Byakuya le rispondeva
posando leggermente le labbra sulle dita tremanti, seduto al suo fianco:
« Pensa solo a guarire,
Hisana. Il resto non ha importanza.»
Lei strizzava forte gli
occhi, le lacrime che le inondavano il volto, mordendosi le labbra per
non
urlare.
Si sentiva colpevole e
non riusciva a perdonarsi. Bastava un mancamento, un peggioramento di
salute,
ed entrambi vedevano i loro sogni sfumare in quella stanza da letto,
vicino a
quel futon dove lei stava distesa, al buio, in preda alla febbre, in
preda al
rimorso di aver deluso ancora – senza poter fare nulla
– le aspettative di suo
marito.
« La nobile Hisana non
potrà più avere figli.»
Lei piangeva,
mormorandogli le proprie scusa disperate, abbracciandolo, unendo le
loro mani nell’addormentarsi
al suo fianco. Byakuya la baciava, le sussurrava parole che riuscivano
a
calmarla come nessun’altra medicina; poi guardava il suo
volto magro e le sue
guance salate di lacrime, senza riuscire a chiudere occhio,
stringendola a sé mentre
respirava il profumo dei suoi capelli.
Finché poteva avere lei,
non gli interessava nient’altro.
Amava il suo sorriso.
Amava il taglio dolce dei suoi occhi.
L’aveva sposata per
vederla sorridere durante ogni singolo giorno della sua vita.
“ State facendo un
errore, nobile Byakuya.”
Erano le parole con cui
tutti lo accusavano tacitamente, osservandolo mentre avanzava lungo i
corridoi,
silenzioso nel suo incedere impeccabile e maestoso; nessuno aveva mai
smesso di
opporsi, di ricordargli quanto era stato avventato in quella sua
scelta. Di
quanto era stata vergognosa la sua risolutezza, quanto insolente il suo
oltraggio
alla legge, di quanto disonore aveva portato sul buon nome della casata.
« Vi prego di smettere
di tormentarmi con tali insensate parole.» era la risposta
garbata che forniva
a quelle accuse, quando non gli era più possibile ignorarle.
Hisana era sua.
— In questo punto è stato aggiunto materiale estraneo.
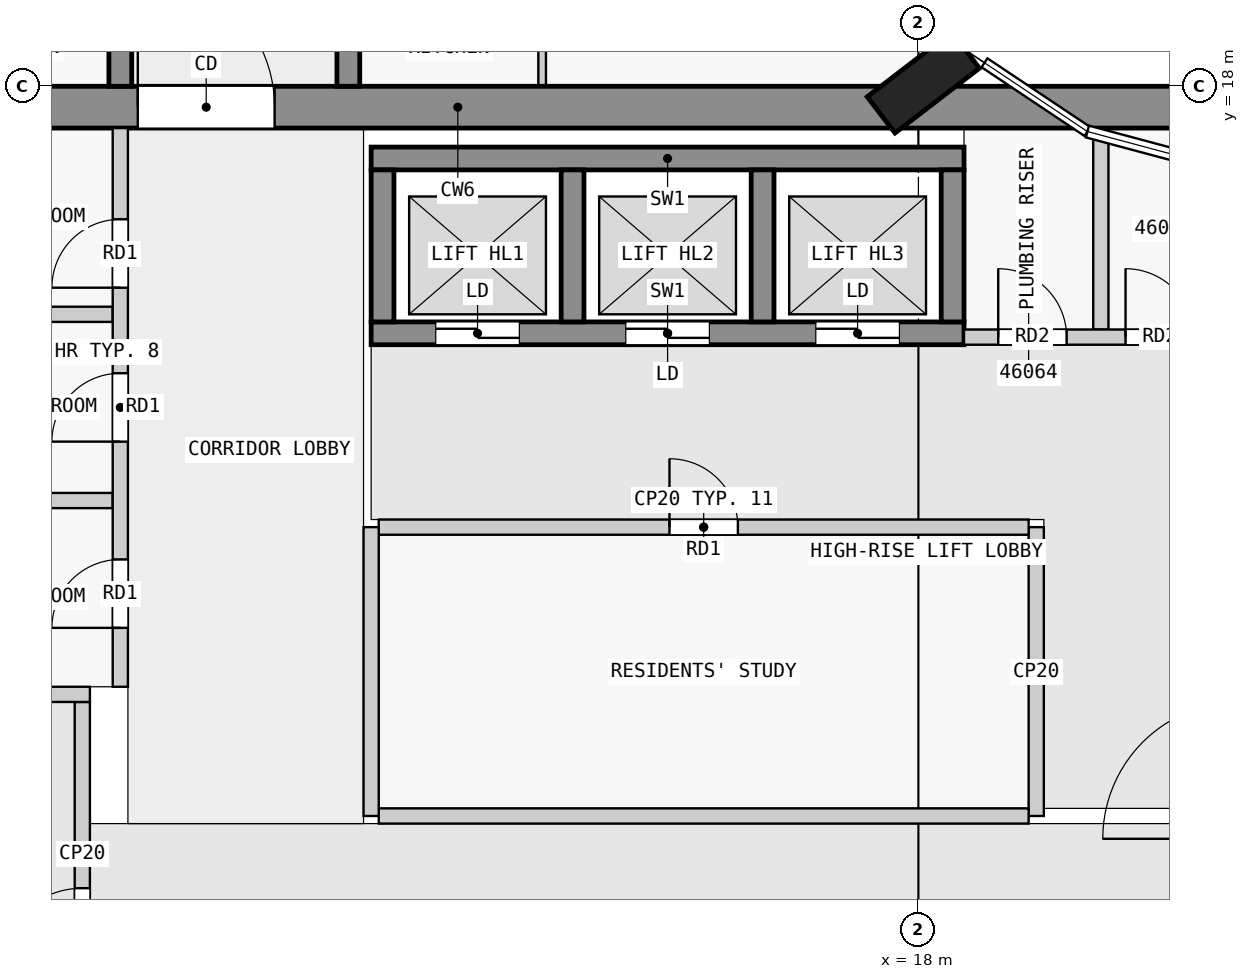
"""IFC4 building model, lengths in metres.
Left out: names, types, materials, properties, quantities, classifications, styles, units other than length and angle.
Written with IfcOpenShell. Run it as: python <this file> out.ifc"""

import sys

from ifc_helpers import new_model, si_unit, direction, frame, frame_2d, origin, origin_2d, place, context, subcontext, project, spatial, rectangle, extrude, element, fill, save


model = new_model("IFC4")
c1 = context("Model", 3, precision=1e-05, world=origin(), true_north=direction((0.0, 1.0)))
c2 = subcontext(c1, "Body", "Model", "MODEL_VIEW")
j1 = project(units=[si_unit("LENGTHUNIT", "METRE"), si_unit("PLANEANGLEUNIT", "RADIAN")], contexts=[c1])
p1 = place(None, origin())
s1 = spatial("IfcSite", under=j1, at=p1, CompositionType="ELEMENT")
p2 = place(p1, origin())
s2 = spatial("IfcBuilding", under=s1, at=p2, CompositionType="ELEMENT")
p3 = place(p2, frame((0.0, 0.0, 177.9)))
s3 = spatial("IfcBuildingStorey", under=s2, at=p3, CompositionType="ELEMENT", Elevation=177.9)
p4 = place(p3, frame((18.065, 18.05, 0.0), z_axis=(0.0, 0.0, 1.0), x_axis=(-0.608810846443, 0.793315418515, 0.0)))
e1 = element("IfcColumn", 1, at=p4, inside=s3, PredefinedType="COLUMN", context=c2, shape_type="SweptSolid", body=[
    extrude(rectangle(XDim=0.6, YDim=1.4, at=origin_2d()), origin(), (0.0, 0.0, 1.0), 3.5),
])
p5 = place(p3, frame((1.38, 17.725, 0.0), z_axis=(0.0, 0.0, 1.0), x_axis=(1.0, 0.0, 0.0)))
e2 = element("IfcWall", 2, at=p5, inside=s3, PredefinedType="SHEAR", context=c2, shape_type="SweptSolid", body=[
    extrude(rectangle(XDim=21.12, YDim=0.55, at=frame_2d((10.56, 0.0))), origin(), (0.0, 0.0, 1.0), 3.25),
])
p6 = place(p5, frame((6.35, 0.0, 0.0)))
e3 = element("IfcOpeningElement", 3, at=p6, cuts=e2, PredefinedType="OPENING", context=c2, shape_type="SweptSolid", body=[
    extrude(rectangle(XDim=1.8, YDim=2.1, at=frame_2d((0.9, 1.05))), frame((0.0, 0.285, 0.0), z_axis=(0.0, -1.0, 0.0), x_axis=(1.0, 0.0, 0.0)), (0.0, 0.0, 1.0), 0.57),
])
p7 = place(p3, frame((10.8, 17.05, 0.0), z_axis=(0.0, 0.0, 1.0), x_axis=(1.0, 0.0, 0.0)))
e4 = element("IfcWall", 4, at=p7, inside=s3, PredefinedType="SHEAR", context=c2, shape_type="SweptSolid", body=[
    extrude(rectangle(XDim=7.8, YDim=0.3, at=frame_2d((3.9, 0.0))), origin(), (0.0, 0.0, 1.0), 3.25),
])
p8 = place(p3, frame((10.8, 14.75, 0.0), z_axis=(0.0, 0.0, 1.0), x_axis=(1.0, 0.0, 0.0)))
e5 = element("IfcWall", 5, at=p8, inside=s3, PredefinedType="SHEAR", context=c2, shape_type="SweptSolid", body=[
    extrude(rectangle(XDim=7.8, YDim=0.3, at=frame_2d((3.9, 0.0))), origin(), (0.0, 0.0, 1.0), 3.25),
])
p9 = place(p8, frame((0.85, 0.0, 0.0)))
e6 = element("IfcOpeningElement", 6, at=p9, cuts=e5, PredefinedType="OPENING", context=c2, shape_type="SweptSolid", body=[
    extrude(rectangle(XDim=1.1, YDim=2.1, at=frame_2d((0.55, 1.05))), frame((0.0, 0.16, 0.0), z_axis=(0.0, -1.0, 0.0), x_axis=(1.0, 0.0, 0.0)), (0.0, 0.0, 1.0), 0.32),
])
p10 = place(p8, frame((3.35, 0.0, 0.0)))
e7 = element("IfcOpeningElement", 7, at=p10, cuts=e5, PredefinedType="OPENING", context=c2, shape_type="SweptSolid", body=[
    extrude(rectangle(XDim=1.1, YDim=2.1, at=frame_2d((0.55, 1.05))), frame((0.0, 0.16, 0.0), z_axis=(0.0, -1.0, 0.0), x_axis=(1.0, 0.0, 0.0)), (0.0, 0.0, 1.0), 0.32),
])
p11 = place(p8, frame((5.85, 0.0, 0.0)))
e8 = element("IfcOpeningElement", 8, at=p11, cuts=e5, PredefinedType="OPENING", context=c2, shape_type="SweptSolid", body=[
    extrude(rectangle(XDim=1.1, YDim=2.1, at=frame_2d((0.55, 1.05))), frame((0.0, 0.16, 0.0), z_axis=(0.0, -1.0, 0.0), x_axis=(1.0, 0.0, 0.0)), (0.0, 0.0, 1.0), 0.32),
])
for number, where, z_axis, x_axis in (
    (9, (10.95, 14.9, 0.0), (0.0, 0.0, 1.0), (0.0, 1.0, 0.0)),
    (10, (13.45, 14.9, 0.0), (0.0, 0.0, 1.0), (0.0, 1.0, 0.0)),
    (11, (15.95, 14.9, 0.0), (0.0, 0.0, 1.0), (0.0, 1.0, 0.0)),
    (12, (18.45, 14.9, 0.0), (0.0, 0.0, 1.0), (0.0, 1.0, 0.0)),
):
    element("IfcWall", number, at=place(p3, frame(where, z_axis=z_axis, x_axis=x_axis)), inside=s3, PredefinedType="SHEAR", context=c2, shape_type="SweptSolid", body=[
        extrude(rectangle(XDim=2.0, YDim=0.3, at=frame_2d((1.0, 0.0))), origin(), (0.0, 0.0, 1.0), 3.25),
    ])
p12 = place(p3, frame((7.5, 18.0, 0.0), z_axis=(0.0, 0.0, 1.0), x_axis=(0.0, 1.0, 0.0)))
e13 = element("IfcWall", 13, at=p12, inside=s3, PredefinedType="SHEAR", context=c2, shape_type="SweptSolid", body=[
    extrude(rectangle(XDim=27.0, YDim=0.3, at=frame_2d((13.5, 0.0))), origin(), (0.0, 0.0, 1.0), 3.25),
])
p13 = place(p12, frame((1.75, 0.0, 0.0)))
e14 = element("IfcOpeningElement", 14, at=p13, cuts=e13, PredefinedType="OPENING", context=c2, shape_type="SweptSolid", body=[
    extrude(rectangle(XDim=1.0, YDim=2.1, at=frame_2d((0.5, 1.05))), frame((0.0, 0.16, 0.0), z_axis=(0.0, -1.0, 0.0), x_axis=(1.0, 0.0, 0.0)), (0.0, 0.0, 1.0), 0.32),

Era
stata la sua unica pretesa, dopo tutti quegli anni trascorsi in un
costante ed ubbidiente
sottostare alle decisioni che altri avevano preso per lui.
“Diventerai uno
shinigami”
“Indosserai
gli hakama
di chi pratica il kidoh”
“Sarai il prossimo
capofamiglia del casato Kuchiki”
“Impugna la spada”
“Rispetta
la legge.
Proteggila con tutto te stesso, fino a quando non avrai più
fiato nei polmoni”
“Studia, studia, studia.
Tempra la tua anima. Diventa forte.”
“Non rispondere alle
provocazioni.”
“ Sii freddo, sii
posato, sii l’esempio ed il modello esemplare per
l’intera Seiretei.”
“Sii
l’uomo che il clan
vuole che tu sia.”
Quando aveva indossato lo
scuro kimono cerimoniale, il kenseikan intrecciato fra i suoi capelli,
aveva accolto
la mano tremante di Hisana nella sua senza prestare la
benché minima attenzione
agli sguardi pieni di disapprovazione che avevano seguito ogni suo
passo, nel
santuario, finché non si era seduto con lei davanti
all’altare.
Il sacerdote vestito di
bianco aveva fatto tintinnare gli anelli del suo shaku, assistendoli
durante lo
svolgersi di quella silenziosa e tesa cerimonia. Hisana aveva bevuto i
suoi tre
brevi sorsi di sakè poggiando delicatamente le labbra sul
bordo delle tazze, la
sua bocca rossa e piccola che le sfiorava timida laddove anche Byakuya,
qualche
istante prima, aveva posato la propria.
Lui aveva seguito i suoi
gesti senza riuscire a distogliere gli occhi dalla sua figura, avvolta
in quell’abito
sfarzoso che era appartenuto a generazioni e generazioni di giovani
spose
Kuchiki, i fermagli preziosi che scintillavano fra i suoi sottili e
lunghi
capelli neri, acconciati secondo la tradizione del clan.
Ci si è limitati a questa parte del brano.